West Pharmaceutical Services is not among the largest healthcare companies in the world. However, its main competitors are not companies such as Johnson & Johnson (JNJ), but rather other parts producers and contract manufacturers. Among those, West Pharmaceutical Services is the smallest by far. Peers such as Cooper Companies (COOP) or Alcon (ALC) are of a similar size.

West Pharmaceutical Services has a wide range of manufacturing facilities in different countries around the globe. This competitive advantage allows the company to supply to the markets where its products are needed directly, while saving on transportation costs. The company also holds more than 300 patents that were rewarded during the last two years alone, which is the result of its investments in R&D when it comes to the company’s proprietary products offerings.

In that regard, West Pharmaceutical Services’ investments could pay off in the long run, through an above-average growth rate and a product portfolio that is well-protected against potential new market entrants.

Healthcare is a recession-resilient industry, as demand for medication and treatments does not depend highly on the strength of the economy. That is why West Pharmaceutical Services also did not feel a lot of pressure during the Great Recession of 2008-2009. During the Great Recession, West Pharmaceutical Services’ earnings-per-share declined by just 15% peak-to-trough. This is an attractive performance, both on an absolute basis, as well as relative to the big profit declines that were experienced by many other companies with more vulnerable businesses.
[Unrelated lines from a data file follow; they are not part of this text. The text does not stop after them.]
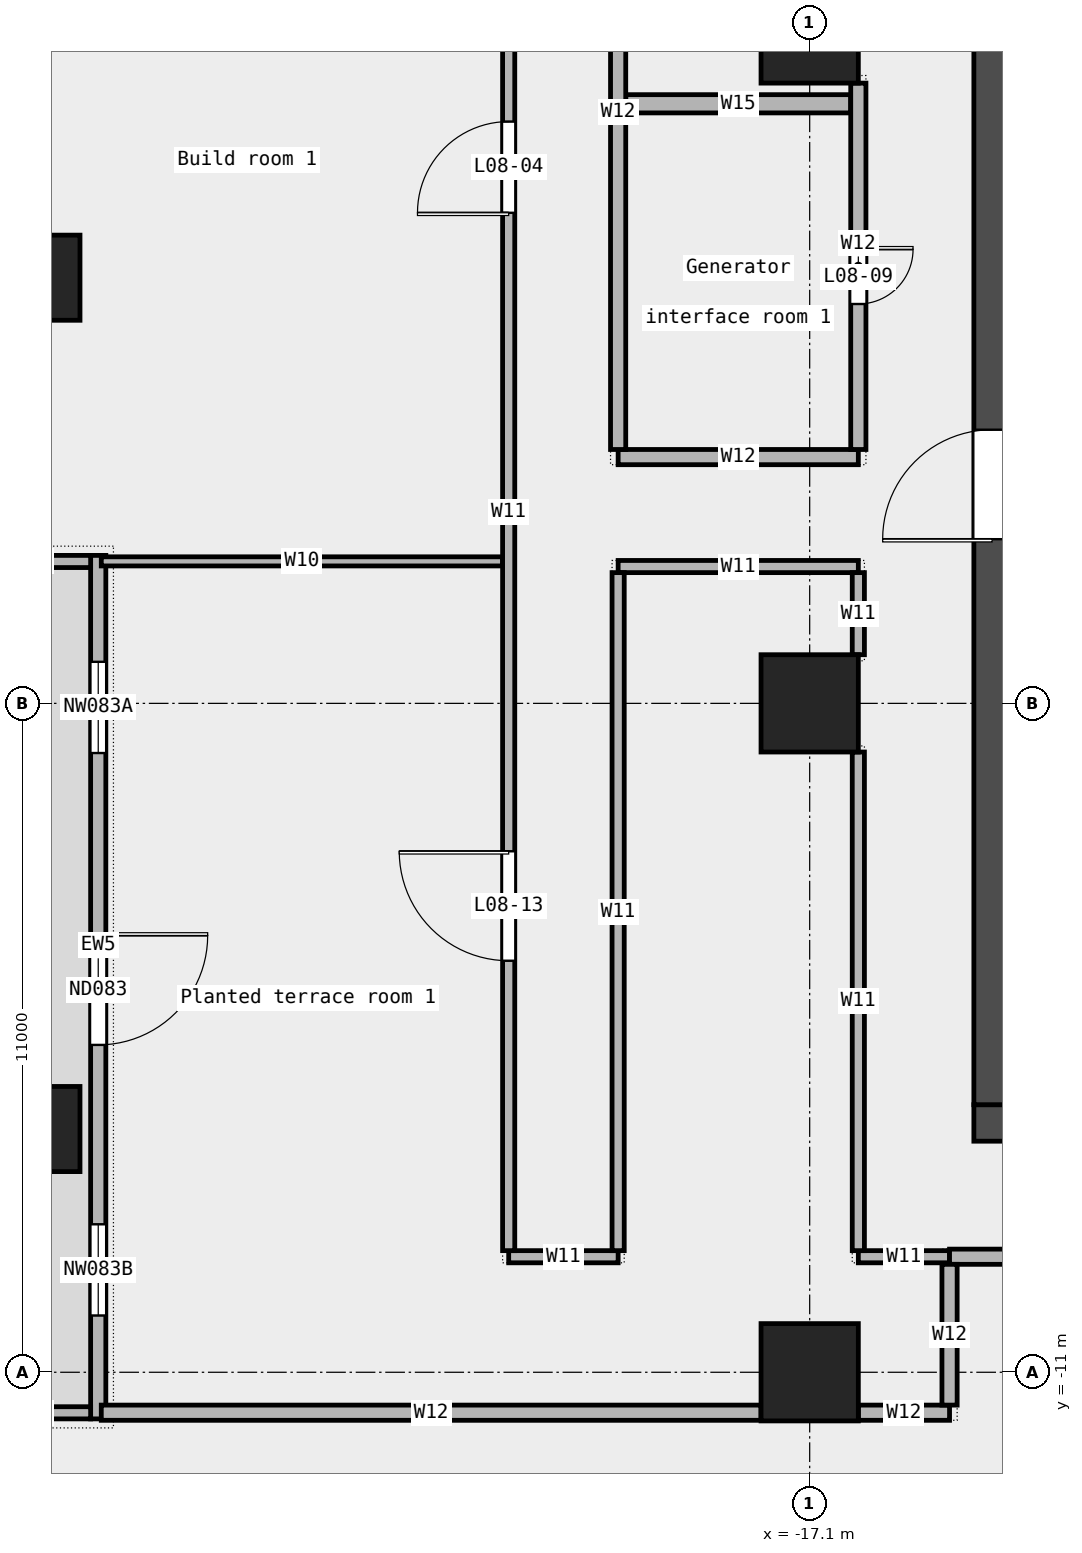
"""IFC4 building model, lengths in metres.
Left out: names, types, materials, properties, quantities, classifications, styles, units other than length and angle.
Written with IfcOpenShell. Run it as: python <this file> out.ifc"""

import sys

from ifc_helpers import new_model, si_unit, direction, frame, frame_2d, origin, origin_2d, place, context, subcontext, project, spatial, rectangle, extrude, element, fill, save


model = new_model("IFC4")
c1 = context("Model", 3, precision=1e-05, world=origin(), true_north=direction((0.0, 1.0)))
c2 = subcontext(c1, "Body", "Model", "MODEL_VIEW")
j1 = project(units=[si_unit("LENGTHUNIT", "METRE"), si_unit("PLANEANGLEUNIT", "RADIAN")], contexts=[c1])
p1 = place(None, origin())
s1 = spatial("IfcSite", under=j1, at=p1, CompositionType="ELEMENT")
p2 = place(p1, origin())
s2 = spatial("IfcBuilding", under=s1, at=p2, CompositionType="ELEMENT")
p3 = place(p2, frame((0.0, 0.0, 45.4)))
s3 = spatial("IfcBuildingStorey", under=s2, at=p3, CompositionType="ELEMENT", Elevation=45.4)
for number, where, z_axis, x_axis in (
    (1, (-29.8, 7.0, 0.0), (0.0, 0.0, 1.0), (1.0, 0.0, 0.0)),
    (2, (-29.8, -7.0, 0.0), (0.0, 0.0, 1.0), (1.0, 0.0, 0.0)),
):
    element("IfcColumn", number, at=place(p3, frame(where, z_axis=z_axis, x_axis=x_axis)), inside=s3, PredefinedType="COLUMN", context=c2, shape_type="SweptSolid", body=[
        extrude(rectangle(XDim=1.4, YDim=1.4, at=origin_2d()), origin(), (0.0, 0.0, 1.0), 4.35),
    ])
for number, where, z_axis, x_axis in (
    (3, (-17.1, -11.0, 0.0), (0.0, 0.0, 1.0), (1.0, 0.0, 0.0)),
    (4, (-17.1, 0.0, 0.0), (0.0, 0.0, 1.0), (1.0, 0.0, 0.0)),
    (5, (-17.1, 11.0, 0.0), (0.0, 0.0, 1.0), (1.0, 0.0, 0.0)),
):
    element("IfcColumn", number, at=place(p3, frame(where, z_axis=z_axis, x_axis=x_axis)), inside=s3, PredefinedType="COLUMN", context=c2, shape_type="SweptSolid", body=[
        extrude(rectangle(XDim=1.6, YDim=1.6, at=origin_2d()), origin(), (0.0, 0.0, 1.0), 4.35),
    ])
p4 = place(p3, frame((-28.8, 2.433, 0.0), z_axis=(0.0, 0.0, 1.0), x_axis=(0.0, -1.0, 0.0)))
e6 = element("IfcWall", 6, at=p4, inside=s3, PredefinedType="STANDARD", context=c2, shape_type="SweptSolid", body=[
    extrude(rectangle(XDim=14.2, YDim=0.25, at=frame_2d((7.1, 0.0))), origin(), (0.0, 0.0, 1.0), 4.35),
])
p5 = place(p4, frame((1.75, 0.0, 0.45)))
e7 = element("IfcOpeningElement", 7, at=p5, cuts=e6, PredefinedType="OPENING", context=c2, shape_type="SweptSolid", body=[
    extrude(rectangle(XDim=1.5, YDim=3.0, at=frame_2d((0.75, 1.5))), frame((0.0, 0.137, 0.0), z_axis=(0.0, -1.0, 0.0), x_axis=(1.0, 0.0, 0.0)), (0.0, 0.0, 1.0), 0.274),
])
p6 = place(p4, frame((6.25, 0.0, 0.0)))
e8 = element("IfcOpeningElement", 8, at=p6, cuts=e6, PredefinedType="OPENING", context=c2, shape_type="SweptSolid", body=[
    extrude(rectangle(XDim=1.8, YDim=2.4, at=frame_2d((0.9, 1.2))), frame((0.0, 0.137, 0.0), z_axis=(0.0, -1.0, 0.0), x_axis=(1.0, 0.0, 0.0)), (0.0, 0.0, 1.0), 0.274),
])
p7 = place(p4, frame((11.0, 0.0, 0.45)))
e9 = element("IfcOpeningElement", 9, at=p7, cuts=e6, PredefinedType="OPENING", context=c2, shape_type="SweptSolid", body=[
    extrude(rectangle(XDim=1.5, YDim=3.0, at=frame_2d((0.75, 1.5))), frame((0.0, 0.137, 0.0), z_axis=(0.0, -1.0, 0.0), x_axis=(1.0, 0.0, 0.0)), (0.0, 0.0, 1.0), 0.274),
])
for number, where, z_axis, x_axis in (
    (10, (-30.8, 2.333, 0.0), (0.0, 0.0, 1.0), (1.0, 0.0, 0.0)),
    (11, (-30.8, -11.667, 0.0), (0.0, 0.0, 1.0), (1.0, 0.0, 0.0)),
):
    element("IfcWall", number, at=place(p3, frame(where, z_axis=z_axis, x_axis=x_axis)), inside=s3, PredefinedType="STANDARD", context=c2, shape_type="SweptSolid", body=[
        extrude(rectangle(XDim=1.875, YDim=0.2, at=frame_2d((0.938, 0.0))), origin(), (0.0, 0.0, 1.0), 4.35),
    ])
p8 = place(p3, frame((-28.75, -11.665, 0.0), z_axis=(0.0, 0.0, 1.0), x_axis=(1.0, 0.0, 0.0)))
e12 = element("IfcWall", 12, at=p8, inside=s3, PredefinedType="PARTITIONING", context=c2, shape_type="SweptSolid", body=[
    extrude(rectangle(XDim=10.85, YDim=0.25, at=frame_2d((5.425, 0.0))), origin(), (0.0, 0.0, 1.0), 4.35),
])
p9 = place(p3, frame((-16.3, -11.665, 0.0), z_axis=(0.0, 0.0, 1.0), x_axis=(1.0, 0.0, 0.0)))
e13 = element("IfcWall", 13, at=p9, inside=s3, PredefinedType="PARTITIONING", context=c2, shape_type="SweptSolid", body=[
    extrude(rectangle(XDim=1.5, YDim=0.25, at=frame_2d((0.75, 0.0))), origin(), (0.0, 0.0, 1.0), 4.35),
])
p10 = place(p3, frame((-22.05, -9.1, 0.0), z_axis=(0.0, 0.0, 1.0), x_axis=(1.0, 0.0, 0.0)))
e14 = element("IfcWall", 14, at=p10, inside=s3, PredefinedType="PARTITIONING", context=c2, shape_type="SweptSolid", body=[
    extrude(rectangle(XDim=1.8, YDim=0.2, at=frame_2d((0.9, 0.0))), origin(), (0.0, 0.0, 1.0), 4.35),
])
p11 = place(p3, frame((-16.3, -9.1, 0.0), z_axis=(0.0, 0.0, 1.0), x_axis=(1.0, 0.0, 0.0)))
e15 = element("IfcWall", 15, at=p11, inside=s3, PredefinedType="PARTITIONING", context=c2, shape_type="SweptSolid", body=[
    extrude(rectangle(XDim=1.5, YDim=0.2, at=frame_2d((0.75, 0.0))), origin(), (0.0, 0.0, 1.0), 4.35),
])
p12 = place(p3, frame((-14.8, -9.1, 0.0), z_axis=(0.0, 0.0, 1.0), x_axis=(1.0, 0.0, 0.0)))
e16 = element("IfcWall", 16, at=p12, inside=s3, PredefinedType="PARTITIONING", context=c2, shape_type="SweptSolid", body=[
    extrude(rectangle(XDim=29.6, YDim=0.25, at=frame_2d((14.8, 0.0))), origin(), (0.0, 0.0, 1.0), 4.35),
])
p13 = place(p12, frame((4.802, 0.0, 0.0)))
e17 = element("IfcOpeningElement", 17, at=p13, cuts=e16, PredefinedType="OPENING", context=c2, shape_type="SweptSolid", body=[
    extrude(rectangle(XDim=1.8, YDim=2.1, at=frame_2d((0.9, 1.05))), frame((0.0, 0.137, 0.0), z_axis=(0.0, -1.0, 0.0), x_axis=(1.0, 0.0, 0.0)), (0.0, 0.0, 1.0), 0.274),
])
p14 = place(p12, frame((21.403, 0.0, 0.0)))
e18 = element("IfcOpeningElement", 18, at=p14, cuts=e16, PredefinedType="OPENING", context=c2, shape_type="SweptSolid", body=[
    extrude(rectangle(XDim=1.8, YDim=2.1, at=frame_2d((0.9, 1.05))), frame((0.0, 0.137, 0.0), z_axis=(0.0, -1.0, 0.0), x_axis=(1.0, 0.0, 0.0)), (0.0, 0.0, 1.0), 0.274),
])
p15 = place(p3, frame((-20.25, 2.25, 0.0), z_axis=(0.0, 0.0, 1.0), x_axis=(1.0, 0.0, 0.0)))
e19 = element("IfcWall", 19, at=p15, inside=s3, PredefinedType="PARTITIONING", context=c2, shape_type="SweptSolid", body=[
    extrude(rectangle(XDim=3.95, YDim=0.2, at=frame_2d((1.975, 0.0))), origin(), (0.0, 0.0, 1.0), 4.35),
])
p16 = place(p3, frame((-28.75, 2.335, 0.0), z_axis=(0.0, 0.0, 1.0), x_axis=(1.0, 0.0, 0.0)))
e20 = element("IfcWall", 20, at=p16, inside=s3, PredefinedType="PARTITIONING", context=c2, shape_type="SweptSolid", body=[
    extrude(rectangle(XDim=6.6, YDim=0.15, at=frame_2d((3.3, 0.0))), origin(), (0.0, 0.0, 1.0), 4.35),
])
p17 = place(p3, frame((-20.25, 4.05, 0.0), z_axis=(0.0, 0.0, 1.0), x_axis=(1.0, 0.0, 0.0)))
e21 = element("IfcWall", 21, at=p17, inside=s3, PredefinedType="PARTITIONING", context=c2, shape_type="SweptSolid", body=[
    extrude(rectangle(XDim=3.95, YDim=0.25, at=frame_2d((1.975, 0.0))), origin(), (0.0, 0.0, 1.0), 4.35),
])
p18 = place(p3, frame((-20.125, 9.86, 0.0), z_axis=(0.0, 0.0, 1.0), x_axis=(1.0, 0.0, 0.0)))
e22 = element("IfcWall", 22, at=p18, inside=s3, PredefinedType="PARTITIONING", context=c2, shape_type="SweptSolid", body=[
    extrude(rectangle(XDim=3.7, YDim=0.3, at=frame_2d((1.85, 0.0))), origin(), (0.0, 0.0, 1.0), 4.35),
])
p19 = place(p3, frame((-22.05, -9.0, 0.0), z_axis=(0.0, 0.0, 1.0), x_axis=(0.0, 1.0, 0.0)))
e23 = element("IfcWall", 23, at=p19, inside=s3, PredefinedType="PARTITIONING", context=c2, shape_type="SweptSolid", body=[
    extrude(rectangle(XDim=24.3, YDim=0.2, at=frame_2d((12.15, 0.0))), origin(), (0.0, 0.0, 1.0), 4.35),
])
p20 = place(p19, frame((17.067, 0.0, 0.0)))
e24 = element("IfcOpeningElement", 24, at=p20, cuts=e23, PredefinedType="OPENING", context=c2, shape_type="SweptSolid", body=[
    extrude(rectangle(XDim=1.5, YDim=2.1, at=frame_2d((0.75, 1.05))), frame((0.0, 0.112, 0.0), z_axis=(0.0, -1.0, 0.0), x_axis=(1.0, 0.0, 0.0)), (0.0, 0.0, 1.0), 0.224),
])
p21 = place(p19, frame((4.768, 0.0, 0.0)))
e25 = element("IfcOpeningElement", 25, at=p21, cuts=e23, PredefinedType="OPENING", context=c2, shape_type="SweptSolid", body=[
    extrude(rectangle(XDim=1.8, YDim=2.1, at=frame_2d((0.9, 1.05))), frame((0.0, 0.112, 0.0), z_axis=(0.0, -1.0, 0.0), x_axis=(1.0, 0.0, 0.0)), (0.0, 0.0, 1.0), 0.224),
])
p22 = place(p3, frame((-20.25, -9.0, 0.0), z_axis=(0.0, 0.0, 1.0), x_axis=(0.0, 1.0, 0.0)))
e26 = element("IfcWall", 26, at=p22, inside=s3, PredefinedType="PARTITIONING", context=c2, shape_type="SweptSolid", body=[
    extrude(rectangle(XDim=11.15, YDim=0.2, at=frame_2d((5.575, 0.0))), origin(), (0.0, 0.0, 1.0), 4.35),
])
p23 = place(p3, frame((-20.25, 4.175, 0.0), z_axis=(0.0, 0.0, 1.0), x_axis=(0.0, 1.0, 0.0)))
e27 = element("IfcWall", 27, at=p23, inside=s3, PredefinedType="PARTITIONING", context=c2, shape_type="SweptSolid", body=[
    extrude(rectangle(XDim=11.1, YDim=0.25, at=frame_2d((5.55, 0.0))), origin(), (0.0, 0.0, 1.0), 4.35),
])
p24 = place(p3, frame((-16.3, -9.0, 0.0), z_axis=(0.0, 0.0, 1.0), x_axis=(0.0, 1.0, 0.0)))
e28 = element("IfcWall", 28, at=p24, inside=s3, PredefinedType="PARTITIONING", context=c2, shape_type="SweptSolid", body=[
    extrude(rectangle(XDim=8.2, YDim=0.2, at=frame_2d((4.1, 0.0))), origin(), (0.0, 0.0, 1.0), 4.35),
])
p25 = place(p3, frame((-16.3, 0.8, 0.0), z_axis=(0.0, 0.0, 1.0), x_axis=(0.0, 1.0, 0.0)))
e29 = element("IfcWall", 29, at=p25, inside=s3, PredefinedType="PARTITIONING", context=c2, shape_type="SweptSolid", body=[
    extrude(rectangle(XDim=1.35, YDim=0.2, at=frame_2d((0.675, 0.0))), origin(), (0.0, 0.0, 1.0), 4.35),
])
p26 = place(p3, frame((-16.3, 4.175, 0.0), z_axis=(0.0, 0.0, 1.0), x_axis=(0.0, 1.0, 0.0)))
e30 = element("IfcWall", 30, at=p26, inside=s3, PredefinedType="PARTITIONING", context=c2, shape_type="SweptSolid", body=[
    extrude(rectangle(XDim=6.025, YDim=0.25, at=frame_2d((3.012, 0.0))), origin(), (0.0, 0.0, 1.0), 4.35),
])
p27 = place(p26, frame((2.393, 0.0, 0.0)))
e31 = element("IfcOpeningElement", 31, at=p27, cuts=e30, PredefinedType="OPENING", context=c2, shape_type="SweptSolid", body=[
    extrude(rectangle(XDim=0.9, YDim=2.1, at=frame_2d((0.45, 1.05))), frame((0.0, 0.137, 0.0), z_axis=(0.0, -1.0, 0.0), x_axis=(1.0, 0.0, 0.0)), (0.0, 0.0, 1.0), 0.274),
])
p28 = place(p3, frame((-14.8, -11.54, 0.0), z_axis=(0.0, 0.0, 1.0), x_axis=(0.0, 1.0, 0.0)))
e32 = element("IfcWall", 32, at=p28, inside=s3, PredefinedType="PARTITIONING", context=c2, shape_type="SweptSolid", body=[
    extrude(rectangle(XDim=2.315, YDim=0.25, at=frame_2d((1.157, 0.0))), origin(), (0.0, 0.0, 1.0), 4.35),
])
p29 = place(p3, frame((-14.4, -6.9, 0.0), z_axis=(0.0, 0.0, 1.0), x_axis=(1.0, 0.0, 0.0)))
e33 = element("IfcWall", 33, at=p29, inside=s3, PredefinedType="SHEAR", context=c2, shape_type="SweptSolid", body=[
    extrude(rectangle(XDim=28.8, YDim=0.6, at=frame_2d((14.4, 0.0))), origin(), (0.0, 0.0, 1.0), 4.5),
])
p30 = place(p29, frame((4.9, 0.0, 0.0)))
e34 = element("IfcOpeningElement", 34, at=p30, cuts=e33, PredefinedType="OPENING", context=c2, shape_type="SweptSolid", body=[
    extrude(rectangle(XDim=1.0, YDim=2.1, at=frame_2d((0.5, 1.05))), frame((0.0, 0.312, 0.0), z_axis=(0.0, -1.0, 0.0), x_axis=(1.0, 0.0, 0.0)), (0.0, 0.0, 1.0), 0.624),
])
p31 = place(p29, frame((8.462, 0.0, 0.0)))
e35 = element("IfcOpeningElement", 35, at=p31, cuts=e33, PredefinedType="OPENING", context=c2, shape_type="SweptSolid", body=[
    extrude(rectangle(XDim=1.0, YDim=2.1, at=frame_2d((0.5, 1.05))), frame((0.0, 0.312, 0.0), z_axis=(0.0, -1.0, 0.0), x_axis=(1.0, 0.0, 0.0)), (0.0, 0.0, 1.0), 0.624),
])
p32 = place(p29, frame((13.425, 0.0, 0.0)))
e36 = element("IfcOpeningElement", 36, at=p32, cuts=e33, PredefinedType="OPENING", context=c2, shape_type="SweptSolid", body=[
    extrude(rectangle(XDim=1.2, YDim=2.1, at=frame_2d((0.6, 1.05))), frame((0.0, 0.312, 0.0), z_axis=(0.0, -1.0, 0.0), x_axis=(1.0, 0.0, 0.0)), (0.0, 0.0, 1.0), 0.624),
])
p33 = place(p29, frame((18.75, 0.0, 0.0)))
e37 = element("IfcOpeningElement", 37, at=p33, cuts=e33, PredefinedType="OPENING", context=c2, shape_type="SweptSolid", body=[
    extrude(rectangle(XDim=1.8, YDim=2.1, at=frame_2d((0.9, 1.05))), frame((0.0, 0.312, 0.0), z_axis=(0.0, -1.0, 0.0), x_axis=(1.0, 0.0, 0.0)), (0.0, 0.0, 1.0), 0.624),
])
p34 = place(p29, frame((23.087, 0.0, 0.0)))
e38 = element("IfcOpeningElement", 38, at=p34, cuts=e33, PredefinedType="OPENING", context=c2, shape_type="SweptSolid", body=[
    extrude(rectangle(XDim=1.0, YDim=2.1, at=frame_2d((0.5, 1.05))), frame((0.0, 0.312, 0.0), z_axis=(0.0, -1.0, 0.0), x_axis=(1.0, 0.0, 0.0)), (0.0, 0.0, 1.0), 0.624),
])
p35 = place(p3, frame((-14.1, -6.6, 0.0), z_axis=(0.0, 0.0, 1.0), x_axis=(0.0, 1.0, 0.0)))
e39 = element("IfcWall", 39, at=p35, inside=s3, PredefinedType="SHEAR", context=c2, shape_type="SweptSolid", body=[
    extrude(rectangle(XDim=19.5, YDim=0.6, at=frame_2d((9.75, 0.0))), origin(), (0.0, 0.0, 1.0), 4.5),
])
p36 = place(p35, frame((9.3, 0.0, 0.0)))
e40 = element("IfcOpeningElement", 40, at=p36, cuts=e39, PredefinedType="OPENING", context=c2, shape_type="SweptSolid", body=[
    extrude(rectangle(XDim=1.8, YDim=2.1, at=frame_2d((0.9, 1.05))), frame((0.0, 0.312, 0.0), z_axis=(0.0, -1.0, 0.0), x_axis=(1.0, 0.0, 0.0)), (0.0, 0.0, 1.0), 0.624),
])
p37 = place(p5, origin())
e41 = element("IfcWindow", 41, at=p37, inside=s3, PartitioningType="SINGLE_PANEL", PredefinedType="WINDOW", context=c2, shape_type="SweptSolid", body=[
    extrude(rectangle(XDim=1.5, YDim=3.0, at=frame_2d((0.75, 1.5))), frame((0.0, 0.03, 0.0), z_axis=(0.0, -1.0, 0.0), x_axis=(1.0, 0.0, 0.0)), (0.0, 0.0, 1.0), 0.06),
])
fill(e7, e41)
p38 = place(p6, origin())
e42 = element("IfcDoor", 42, at=p38, inside=s3, OperationType="DOUBLE_DOOR_SINGLE_SWING", PredefinedType="DOOR", context=c2, shape_type="SweptSolid", body=[
    extrude(rectangle(XDim=1.8, YDim=2.4, at=frame_2d((0.9, 1.2))), frame((0.0, 0.025, 0.0), z_axis=(0.0, -1.0, 0.0), x_axis=(1.0, 0.0, 0.0)), (0.0, 0.0, 1.0), 0.05),
])
fill(e8, e42)
p39 = place(p7, origin())
e43 = element("IfcWindow", 43, at=p39, inside=s3, PartitioningType="SINGLE_PANEL", PredefinedType="WINDOW", context=c2, shape_type="SweptSolid", body=[
    extrude(rectangle(XDim=1.5, YDim=3.0, at=frame_2d((0.75, 1.5))), frame((0.0, 0.03, 0.0), z_axis=(0.0, -1.0, 0.0), x_axis=(1.0, 0.0, 0.0)), (0.0, 0.0, 1.0), 0.06),
])
fill(e9, e43)
p40 = place(p20, origin())
e44 = element("IfcDoor", 44, at=p40, inside=s3, OperationType="DOUBLE_DOOR_SINGLE_SWING", PredefinedType="DOOR", context=c2, shape_type="SweptSolid", body=[
    extrude(rectangle(XDim=1.5, YDim=2.1, at=frame_2d((0.75, 1.05))), frame((0.0, 0.025, 0.0), z_axis=(0.0, -1.0, 0.0), x_axis=(1.0, 0.0, 0.0)), (0.0, 0.0, 1.0), 0.05),
])
fill(e24, e44)
p41 = place(p27, origin())
e45 = element("IfcDoor", 45, at=p41, inside=s3, OperationType="SINGLE_SWING_LEFT", PredefinedType="DOOR", context=c2, shape_type="SweptSolid", body=[
    extrude(rectangle(XDim=0.9, YDim=2.1, at=frame_2d((0.45, 1.05))), frame((0.0, 0.025, 0.0), z_axis=(0.0, -1.0, 0.0), x_axis=(1.0, 0.0, 0.0)), (0.0, 0.0, 1.0), 0.05),
])
fill(e31, e45)
p42 = place(p21, origin())
e46 = element("IfcDoor", 46, at=p42, inside=s3, OperationType="DOUBLE_DOOR_SINGLE_SWING", PredefinedType="DOOR", context=c2, shape_type="SweptSolid", body=[
    extrude(rectangle(XDim=1.8, YDim=2.1, at=frame_2d((0.9, 1.05))), frame((0.0, 0.025, 0.0), z_axis=(0.0, -1.0, 0.0), x_axis=(1.0, 0.0, 0.0)), (0.0, 0.0, 1.0), 0.05),
])
fill(e25, e46)
p43 = place(p36, origin())
e47 = element("IfcDoor", 47, at=p43, inside=s3, OperationType="DOUBLE_DOOR_SINGLE_SWING", PredefinedType="DOOR", context=c2, shape_type="SweptSolid", body=[
    extrude(rectangle(XDim=1.8, YDim=2.1, at=frame_2d((0.9, 1.05))), frame((0.0, 0.025, 0.0), z_axis=(0.0, -1.0, 0.0), x_axis=(1.0, 0.0, 0.0)), (0.0, 0.0, 1.0), 0.05),
])
fill(e40, e47)
save(model, sys.argv[1])

During the coronavirus pandemic of 2020, West Pharmaceutical Services again performed well. During 2020, the company managed to grow its earnings-per-share, based on current estimates for the fourth quarter (Q4 results have not been released so far). This, once again, showcases the strong resilience of the company’s business model during times when the economy is in a recession. Resilience during economic downturns makes West Pharmaceutical Services an attractive choice for risk-averse investors, at least on a fundamental basis.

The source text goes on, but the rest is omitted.